I've worked shit jobs. Fast food and corporate chain restaurants mostly. If you think you've worked a shit job and it was in an office, then you don't know what shit is. But even after college, when a degree allowed me to make $50k a year pushing buttons, I worked jobs that certainly weren't taking full advantage of what I had to offer. Maybe I'm just a malcontent like most people, and the only job that will make me truly happy is King-Of-The-World (and even then I would complain about what a dick the boss is.)

Given my skill set, poker seems like a great profession for me and would certainly be my first choice if it weren't for the whole unluckiest-player-in-the-world thing. But, as luck would have it, right now poker is my only source of income. That's right. I'll admit it. I win, sometimes. Like when it doesn't count. For instance, the other night I won nine bucks for getting first place in a $2 SNG. But when I use that nine bucks to buy into a big tournament on Sunday what do I win? Why, a wasted afternoon, of course!
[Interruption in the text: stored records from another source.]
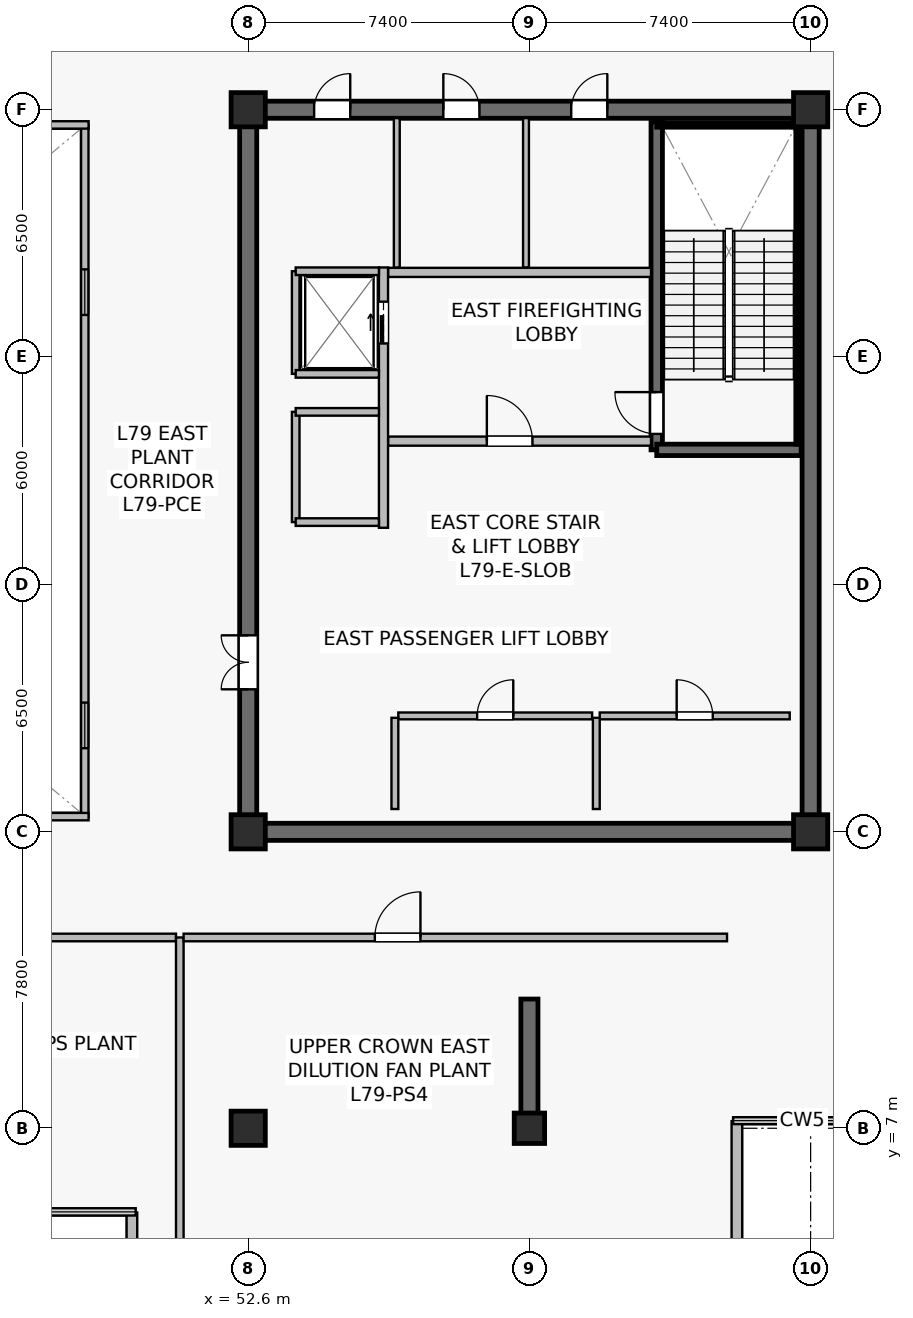
"""IFC4 building model, lengths in metres.
Left out: names, types, materials, properties, quantities, classifications, styles, units other than length and angle.
Written with IfcOpenShell. Run it as: python <this file> out.ifc"""

import sys

from ifc_helpers import new_model, si_unit, direction, frame, frame_2d, origin, origin_2d, place, context, subcontext, project, spatial, rectangle, extrude, source, transform, mapped, element, fill, save


model = new_model("IFC4")
c1 = context("Model", 3, precision=1e-05, world=origin(), true_north=direction((0.0, 1.0)))
c2 = subcontext(c1, "Body", "Model", "MODEL_VIEW")
j1 = project(units=[si_unit("LENGTHUNIT", "METRE"), si_unit("PLANEANGLEUNIT", "RADIAN")], contexts=[c1])
p1 = place(None, origin())
s1 = spatial("IfcSite", under=j1, at=p1, CompositionType="ELEMENT")
p2 = place(p1, origin())
s2 = spatial("IfcBuilding", under=s1, at=p2, CompositionType="ELEMENT")
p3 = place(p2, frame((0.0, 0.0, 332.4)))
s3 = spatial("IfcBuildingStorey", under=s2, at=p3, CompositionType="ELEMENT", Elevation=332.4)
p4 = place(p3, frame((52.375, 14.8, 0.0), z_axis=(0.0, 0.0, 1.0), x_axis=(1.0, 0.0, 0.0)))
e1 = element("IfcWall", 1, at=p4, inside=s3, PredefinedType="SHEAR", context=c2, shape_type="SweptSolid", body=[
    extrude(rectangle(XDim=15.25, YDim=0.45, at=frame_2d((7.625, 0.0))), origin(), (0.0, 0.0, 1.0), 5.12),
])
p5 = place(p3, frame((52.375, 33.8, 0.0), z_axis=(0.0, 0.0, 1.0), x_axis=(1.0, 0.0, 0.0)))
e2 = element("IfcWall", 2, at=p5, inside=s3, PredefinedType="SHEAR", context=c2, shape_type="SweptSolid", body=[
    extrude(rectangle(XDim=15.25, YDim=0.45, at=frame_2d((7.625, 0.0))), origin(), (0.0, 0.0, 1.0), 5.12),
])
p6 = place(p5, frame((8.725, 0.0, 0.0)))
e3 = element("IfcOpeningElement", 3, at=p6, cuts=e2, PredefinedType="OPENING", context=c2, shape_type="SweptSolid", body=[
    extrude(rectangle(XDim=0.95, YDim=2.15, at=frame_2d((0.475, 1.075))), frame((0.0, 0.235, 0.0), z_axis=(0.0, -1.0, 0.0), x_axis=(1.0, 0.0, 0.0)), (0.0, 0.0, 1.0), 0.47),
])
p7 = place(p5, frame((5.36, 0.0, 0.0)))
e4 = element("IfcOpeningElement", 4, at=p7, cuts=e2, PredefinedType="OPENING", context=c2, shape_type="SweptSolid", body=[
    extrude(rectangle(XDim=0.95, YDim=2.15, at=frame_2d((0.475, 1.075))), frame((0.0, 0.235, 0.0), z_axis=(0.0, -1.0, 0.0), x_axis=(1.0, 0.0, 0.0)), (0.0, 0.0, 1.0), 0.47),
])
p8 = place(p5, frame((1.96, 0.0, 0.0)))
e5 = element("IfcOpeningElement", 5, at=p8, cuts=e2, PredefinedType="OPENING", context=c2, shape_type="SweptSolid", body=[
    extrude(rectangle(XDim=0.95, YDim=2.15, at=frame_2d((0.475, 1.075))), frame((0.0, 0.235, 0.0), z_axis=(0.0, -1.0, 0.0), x_axis=(1.0, 0.0, 0.0)), (0.0, 0.0, 1.0), 0.47),
])
p9 = place(p3, frame((52.6, 15.025, 0.0), z_axis=(0.0, 0.0, 1.0), x_axis=(0.0, 1.0, 0.0)))
e6 = element("IfcWall", 6, at=p9, inside=s3, PredefinedType="SHEAR", context=c2, shape_type="SweptSolid", body=[
    extrude(rectangle(XDim=18.55, YDim=0.45, at=frame_2d((9.275, 0.0))), origin(), (0.0, 0.0, 1.0), 5.12),
])
p10 = place(p9, frame((3.525, 0.0, 0.0)))
e7 = element("IfcOpeningElement", 7, at=p10, cuts=e6, PredefinedType="OPENING", context=c2, shape_type="SweptSolid", body=[
    extrude(rectangle(XDim=1.42, YDim=2.2, at=frame_2d((0.71, 1.1))), frame((0.0, 0.235, 0.0), z_axis=(0.0, -1.0, 0.0), x_axis=(1.0, 0.0, 0.0)), (0.0, 0.0, 1.0), 0.47),
])
p11 = place(p3, frame((67.4, 15.025, 0.0), z_axis=(0.0, 0.0, 1.0), x_axis=(0.0, 1.0, 0.0)))
e8 = element("IfcWall", 8, at=p11, inside=s3, PredefinedType="SHEAR", context=c2, shape_type="SweptSolid", body=[
    extrude(rectangle(XDim=18.55, YDim=0.45, at=frame_2d((9.275, 0.0))), origin(), (0.0, 0.0, 1.0), 5.12),
])
p12 = place(p3, frame((63.35, 24.85, 0.0), z_axis=(0.0, 0.0, 1.0), x_axis=(0.0, 1.0, 0.0)))
e9 = element("IfcWall", 9, at=p12, inside=s3, PredefinedType="SHEAR", context=c2, shape_type="SweptSolid", body=[
    extrude(rectangle(XDim=8.63, YDim=0.3, at=frame_2d((4.315, 0.0))), origin(), (0.0, 0.0, 1.0), 5.12),
])
p13 = place(p12, frame((0.42, 0.0, 0.0)))
e10 = element("IfcOpeningElement", 10, at=p13, cuts=e9, PredefinedType="OPENING", context=c2, shape_type="SweptSolid", body=[
    extrude(rectangle(XDim=1.1, YDim=2.15, at=frame_2d((0.55, 1.075))), frame((0.0, 0.16, 0.0), z_axis=(0.0, -1.0, 0.0), x_axis=(1.0, 0.0, 0.0)), (0.0, 0.0, 1.0), 0.32),
])
p14 = place(p3, frame((63.35, 24.85, 0.0), z_axis=(0.0, 0.0, 1.0), x_axis=(1.0, 0.0, 0.0)))
e11 = element("IfcWall", 11, at=p14, inside=s3, PredefinedType="SHEAR", context=c2, shape_type="SweptSolid", body=[
    extrude(rectangle(XDim=3.8, YDim=0.3, at=frame_2d((1.9, 0.0))), origin(), (0.0, 0.0, 1.0), 5.12),
])
p15 = place(p3, frame((63.35, 33.4, 0.0), z_axis=(0.0, 0.0, 1.0), x_axis=(1.0, 0.0, 0.0)))
e12 = element("IfcWall", 12, at=p15, inside=s3, PredefinedType="SOLIDWALL", context=c2, shape_type="SweptSolid", body=[
    extrude(rectangle(XDim=3.72, YDim=0.12, at=frame_2d((1.86, 0.0))), origin(), (0.0, 0.0, 1.0), 5.12),
])
p16 = place(p3, frame((67.07, 25.0, 0.0), z_axis=(0.0, 0.0, 1.0), x_axis=(0.0, 1.0, 0.0)))
e13 = element("IfcWall", 13, at=p16, inside=s3, PredefinedType="SOLIDWALL", context=c2, shape_type="SweptSolid", body=[
    extrude(rectangle(XDim=8.32, YDim=0.12, at=frame_2d((4.16, 0.0))), origin(), (0.0, 0.0, 1.0), 5.12),
])
p17 = place(p3, frame((60.0, 7.3, 0.0), z_axis=(0.0, 0.0, 1.0), x_axis=(0.0, 1.0, 0.0)))
e14 = element("IfcWall", 14, at=p17, inside=s3, PredefinedType="SHEAR", context=c2, shape_type="SweptSolid", body=[
    extrude(rectangle(XDim=3.1, YDim=0.45, at=frame_2d((1.55, 0.0))), origin(), (0.0, 0.0, 1.0), 5.12),
])
m1 = source(origin(), c2, "Body", "SweptSolid", [
    extrude(rectangle(XDim=0.9, YDim=0.9, at=origin_2d()), origin(), (0.0, 0.0, 1.0), 5.4),
])
p18 = place(p3, frame((52.6, 7.0, 0.0), z_axis=(0.0, 0.0, 1.0), x_axis=(1.0, 0.0, 0.0)))
e15 = element("IfcColumn", 15, at=p18, inside=s3, PredefinedType="COLUMN", context=c2, shape_type="MappedRepresentation", body=[
    mapped(m1, transform((0.0, 0.0, 0.0), scale=1.0)),
])
m2 = source(origin(), c2, "Body", "SweptSolid", [
    extrude(rectangle(XDim=0.8, YDim=0.8, at=origin_2d()), origin(), (0.0, 0.0, 1.0), 5.4),
])
p19 = place(p3, frame((60.0, 7.0, 0.0), z_axis=(0.0, 0.0, 1.0), x_axis=(1.0, 0.0, 0.0)))
e16 = element("IfcColumn", 16, at=p19, inside=s3, PredefinedType="COLUMN", context=c2, shape_type="MappedRepresentation", body=[
    mapped(m2, transform((0.0, 0.0, 0.0), scale=1.0)),
])
for number, where, z_axis, x_axis in (
    (17, (52.6, 14.8, 0.0), (0.0, 0.0, 1.0), (1.0, 0.0, 0.0)),
    (18, (67.4, 14.8, 0.0), (0.0, 0.0, 1.0), (1.0, 0.0, 0.0)),
    (19, (52.6, 33.8, 0.0), (0.0, 0.0, 1.0), (1.0, 0.0, 0.0)),
    (20, (67.4, 33.8, 0.0), (0.0, 0.0, 1.0), (1.0, 0.0, 0.0)),
):
    element("IfcColumn", number, at=place(p3, frame(where, z_axis=z_axis, x_axis=x_axis)), inside=s3, PredefinedType="COLUMN", context=c2, shape_type="MappedRepresentation", body=[
        mapped(m1, transform((0.0, 0.0, 0.0), scale=1.0)),
    ])
p20 = place(p3, frame((49.54, 4.783, 0.0), z_axis=(0.0, 0.0, 1.0), x_axis=(0.0, -1.0, 0.0)))
e21 = element("IfcWall", 21, at=p20, inside=s3, PredefinedType="STANDARD", context=c2, shape_type="SweptSolid", body=[
    extrude(rectangle(XDim=1.083, YDim=0.28, at=frame_2d((0.542, 0.0))), origin(), (0.0, 0.0, 1.0), 5.12),
])
p21 = place(p3, frame((65.46, 3.7, 0.0), z_axis=(0.0, 0.0, 1.0), x_axis=(0.0, 1.0, 0.0)))
e22 = element("IfcWall", 22, at=p21, inside=s3, PredefinedType="STANDARD", context=c2, shape_type="SweptSolid", body=[
    extrude(rectangle(XDim=3.488, YDim=0.28, at=frame_2d((1.744, 0.0))), origin(), (0.0, 0.0, 1.0), 5.12),
])
p22 = place(p3, frame((56.28, 25.08, 0.0), z_axis=(0.0, 0.0, 1.0), x_axis=(1.0, 0.0, 0.0)))
e23 = element("IfcWall", 23, at=p22, inside=s3, PredefinedType="SOLIDWALL", context=c2, shape_type="SweptSolid", body=[
    extrude(rectangle(XDim=6.92, YDim=0.24, at=frame_2d((3.46, 0.0))), origin(), (0.0, 0.0, 1.0), 4.355),
])
p23 = place(p22, frame((2.6, 0.0, 0.0)))
e24 = element("IfcOpeningElement", 24, at=p23, cuts=e23, PredefinedType="OPENING", context=c2, shape_type="SweptSolid", body=[
    extrude(rectangle(XDim=1.2, YDim=2.16, at=frame_2d((0.6, 1.08))), frame((0.0, 0.13, 0.0), z_axis=(0.0, -1.0, 0.0), x_axis=(1.0, 0.0, 0.0)), (0.0, 0.0, 1.0), 0.26),
])
p24 = place(p3, frame((56.28, 29.52, 0.0), z_axis=(0.0, 0.0, 1.0), x_axis=(1.0, 0.0, 0.0)))
e25 = element("IfcWall", 25, at=p24, inside=s3, PredefinedType="SOLIDWALL", context=c2, shape_type="SweptSolid", body=[
    extrude(rectangle(XDim=6.92, YDim=0.24, at=frame_2d((3.46, 0.0))), origin(), (0.0, 0.0, 1.0), 4.355),
])
p25 = place(p3, frame((56.16, 22.8, 0.0), z_axis=(0.0, 0.0, 1.0), x_axis=(0.0, 1.0, 0.0)))
e26 = element("IfcWall", 26, at=p25, inside=s3, PredefinedType="SOLIDWALL", context=c2, shape_type="SweptSolid", body=[
    extrude(rectangle(XDim=6.85, YDim=0.24, at=frame_2d((3.425, 0.0))), origin(), (0.0, 0.0, 1.0), 4.255),
])
p26 = place(p25, frame((4.85, 0.0, 0.0)))
e27 = element("IfcOpeningElement", 27, at=p26, cuts=e26, PredefinedType="OPENING", context=c2, shape_type="SweptSolid", body=[
    extrude(rectangle(XDim=1.1, YDim=2.22, at=frame_2d((0.55, 1.11))), frame((0.0, 0.13, 0.0), z_axis=(0.0, -1.0, 0.0), x_axis=(1.0, 0.0, 0.0)), (0.0, 0.0, 1.0), 0.26),
])
p27 = place(p3, frame((53.85, 26.85, 0.0), z_axis=(0.0, 0.0, 1.0), x_axis=(0.0, 1.0, 0.0)))
e28 = element("IfcWall", 28, at=p27, inside=s3, PredefinedType="SOLIDWALL", context=c2, shape_type="SweptSolid", body=[
    extrude(rectangle(XDim=2.7, YDim=0.2, at=frame_2d((1.35, 0.0))), origin(), (0.0, 0.0, 1.0), 5.12),
])
p28 = place(p3, frame((53.85, 29.55, 0.0), z_axis=(0.0, 0.0, 1.0), x_axis=(1.0, 0.0, 0.0)))
e29 = element("IfcWall", 29, at=p28, inside=s3, PredefinedType="SOLIDWALL", context=c2, shape_type="SweptSolid", body=[
    extrude(rectangle(XDim=2.19, YDim=0.2, at=frame_2d((1.095, 0.0))), origin(), (0.0, 0.0, 1.0), 5.12),
])
p29 = place(p3, frame((53.85, 26.85, 0.0), z_axis=(0.0, 0.0, 1.0), x_axis=(1.0, 0.0, 0.0)))
e30 = element("IfcWall", 30, at=p29, inside=s3, PredefinedType="SOLIDWALL", context=c2, shape_type="SweptSolid", body=[
    extrude(rectangle(XDim=2.19, YDim=0.2, at=frame_2d((1.095, 0.0))), origin(), (0.0, 0.0, 1.0), 4.517),
])
p30 = place(p3, frame((53.85, 22.95, 0.0), z_axis=(0.0, 0.0, 1.0), x_axis=(0.0, 1.0, 0.0)))
e31 = element("IfcWall", 31, at=p30, inside=s3, PredefinedType="SOLIDWALL", context=c2, shape_type="SweptSolid", body=[
    extrude(rectangle(XDim=2.9, YDim=0.2, at=frame_2d((1.45, 0.0))), origin(), (0.0, 0.0, 1.0), 4.255),
])
for number, where, z_axis, x_axis in (
    (32, (53.85, 25.85, 0.0), (0.0, 0.0, 1.0), (1.0, 0.0, 0.0)),
    (33, (53.85, 22.95, 0.0), (0.0, 0.0, 1.0), (1.0, 0.0, 0.0)),
):
    element("IfcWall", number, at=place(p3, frame(where, z_axis=z_axis, x_axis=x_axis)), inside=s3, PredefinedType="SOLIDWALL", context=c2, shape_type="SweptSolid", body=[
        extrude(rectangle(XDim=2.19, YDim=0.2, at=frame_2d((1.095, 0.0))), origin(), (0.0, 0.0, 1.0), 5.12),
    ])
p31 = place(p3, frame((61.85, 17.85, 0.0), z_axis=(0.0, 0.0, 1.0), x_axis=(1.0, 0.0, 0.0)))
e34 = element("IfcWall", 34, at=p31, inside=s3, PredefinedType="SOLIDWALL", context=c2, shape_type="SweptSolid", body=[
    extrude(rectangle(XDim=5.0, YDim=0.18, at=frame_2d((2.5, 0.0))), origin(), (0.0, 0.0, 1.0), 5.12),
])
p32 = place(p31, frame((2.025, 0.0, 0.0)))
e35 = element("IfcOpeningElement", 35, at=p32, cuts=e34, PredefinedType="OPENING", context=c2, shape_type="SweptSolid", body=[
    extrude(rectangle(XDim=0.95, YDim=2.15, at=frame_2d((0.475, 1.075))), frame((0.0, 0.1, 0.0), z_axis=(0.0, -1.0, 0.0), x_axis=(1.0, 0.0, 0.0)), (0.0, 0.0, 1.0), 0.2),
])
p33 = place(p3, frame((61.76, 15.4, 0.0), z_axis=(0.0, 0.0, 1.0), x_axis=(0.0, 1.0, 0.0)))
e36 = element("IfcWall", 36, at=p33, inside=s3, PredefinedType="SOLIDWALL", context=c2, shape_type="SweptSolid", body=[
    extrude(rectangle(XDim=2.4, YDim=0.18, at=frame_2d((1.2, 0.0))), origin(), (0.0, 0.0, 1.0), 5.12),
])
p34 = place(p3, frame((56.55, 17.85, 0.0), z_axis=(0.0, 0.0, 1.0), x_axis=(1.0, 0.0, 0.0)))
e37 = element("IfcWall", 37, at=p34, inside=s3, PredefinedType="SOLIDWALL", context=c2, shape_type="SweptSolid", body=[
    extrude(rectangle(XDim=5.1, YDim=0.18, at=frame_2d((2.55, 0.0))), origin(), (0.0, 0.0, 1.0), 4.355),
])
p35 = place(p34, frame((2.075, 0.0, 0.0)))
e38 = element("IfcOpeningElement", 38, at=p35, cuts=e37, PredefinedType="OPENING", context=c2, shape_type="SweptSolid", body=[
    extrude(rectangle(XDim=0.95, YDim=2.15, at=frame_2d((0.475, 1.075))), frame((0.0, 0.1, 0.0), z_axis=(0.0, -1.0, 0.0), x_axis=(1.0, 0.0, 0.0)), (0.0, 0.0, 1.0), 0.2),
])
p36 = place(p3, frame((56.46, 15.4, 0.0), z_axis=(0.0, 0.0, 1.0), x_axis=(0.0, 1.0, 0.0)))
e39 = element("IfcWall", 39, at=p36, inside=s3, PredefinedType="SOLIDWALL", context=c2, shape_type="SweptSolid", body=[
    extrude(rectangle(XDim=2.4, YDim=0.18, at=frame_2d((1.2, 0.0))), origin(), (0.0, 0.0, 1.0), 5.12),
])
p37 = place(p3, frame((59.91, 29.65, 0.0), z_axis=(0.0, 0.0, 1.0), x_axis=(0.0, 1.0, 0.0)))
e40 = element("IfcWall", 40, at=p37, inside=s3, PredefinedType="PLUMBINGWALL", context=c2, shape_type="SweptSolid", body=[
    extrude(rectangle(XDim=3.93, YDim=0.155, at=frame_2d((1.965, 0.0))), origin(), (0.0, 0.0, 1.0), 4.355),
])
p38 = place(p3, frame((56.51, 29.65, 0.0), z_axis=(0.0, 0.0, 1.0), x_axis=(0.0, 1.0, 0.0)))
e41 = element("IfcWall", 41, at=p38, inside=s3, PredefinedType="PLUMBINGWALL", context=c2, shape_type="SweptSolid", body=[
    extrude(rectangle(XDim=3.93, YDim=0.155, at=frame_2d((1.965, 0.0))), origin(), (0.0, 0.0, 1.0), 5.12),
])
p39 = place(p3, frame((48.3, 15.2, 0.0), z_axis=(0.0, 0.0, 1.0), x_axis=(0.0, 1.0, 0.0)))
e42 = element("IfcWall", 42, at=p39, inside=s3, PredefinedType="SOLIDWALL", context=c2, shape_type="SweptSolid", body=[
    extrude(rectangle(XDim=18.2, YDim=0.195, at=frame_2d((9.1, 0.0))), origin(), (0.0, 0.0, 1.0), 5.12),
])
p40 = place(p39, frame((1.8, 0.0, 0.9)))
e43 = element("IfcOpeningElement", 43, at=p40, cuts=e42, PredefinedType="OPENING", context=c2, shape_type="SweptSolid", body=[
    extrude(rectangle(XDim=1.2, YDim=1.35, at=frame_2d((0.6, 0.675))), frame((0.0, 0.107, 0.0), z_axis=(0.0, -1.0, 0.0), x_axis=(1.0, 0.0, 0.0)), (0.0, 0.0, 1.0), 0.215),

Losing is the worst part of being a professional poker player. No matter how good you are, you can't win them all. There will always be downswings. Coolers. Suck outs. Mother variance manifesting herself in the form of a bad beat, turning your fantastic tournament performance (where you totally owned all of the nits and frat boys) into a waste of $200. Unfortunately for me, mother variance loves to punish the unlucky. Be thankful it's not you. At this point, I am convinced that it serves a purpose. Maybe I'm there to give the hopeless gambler a second chance. I'm that sharp young broke kid that plays good but always loses when someone eventually gets lucky on him. If it weren't for the dream of busting people like me, most whales wouldn't even be in the game. I guess I should play my part, since I know my role so well...

TONIGHT'S UNLUCKINESS:
Final tabled the $500 guarantee on Absolute Poker, only to get busted by the table maniac. From the unopened SB he tries to steal my BB with K4 off suit and a 4.5xbb raise. I quickly 4-bet shove all in with 44 and he SNAP calls like he knows he's good. This call was for about %90 of his chips. The king on the river earns me a fourth place finish and $50. He went on to win the thing for $150.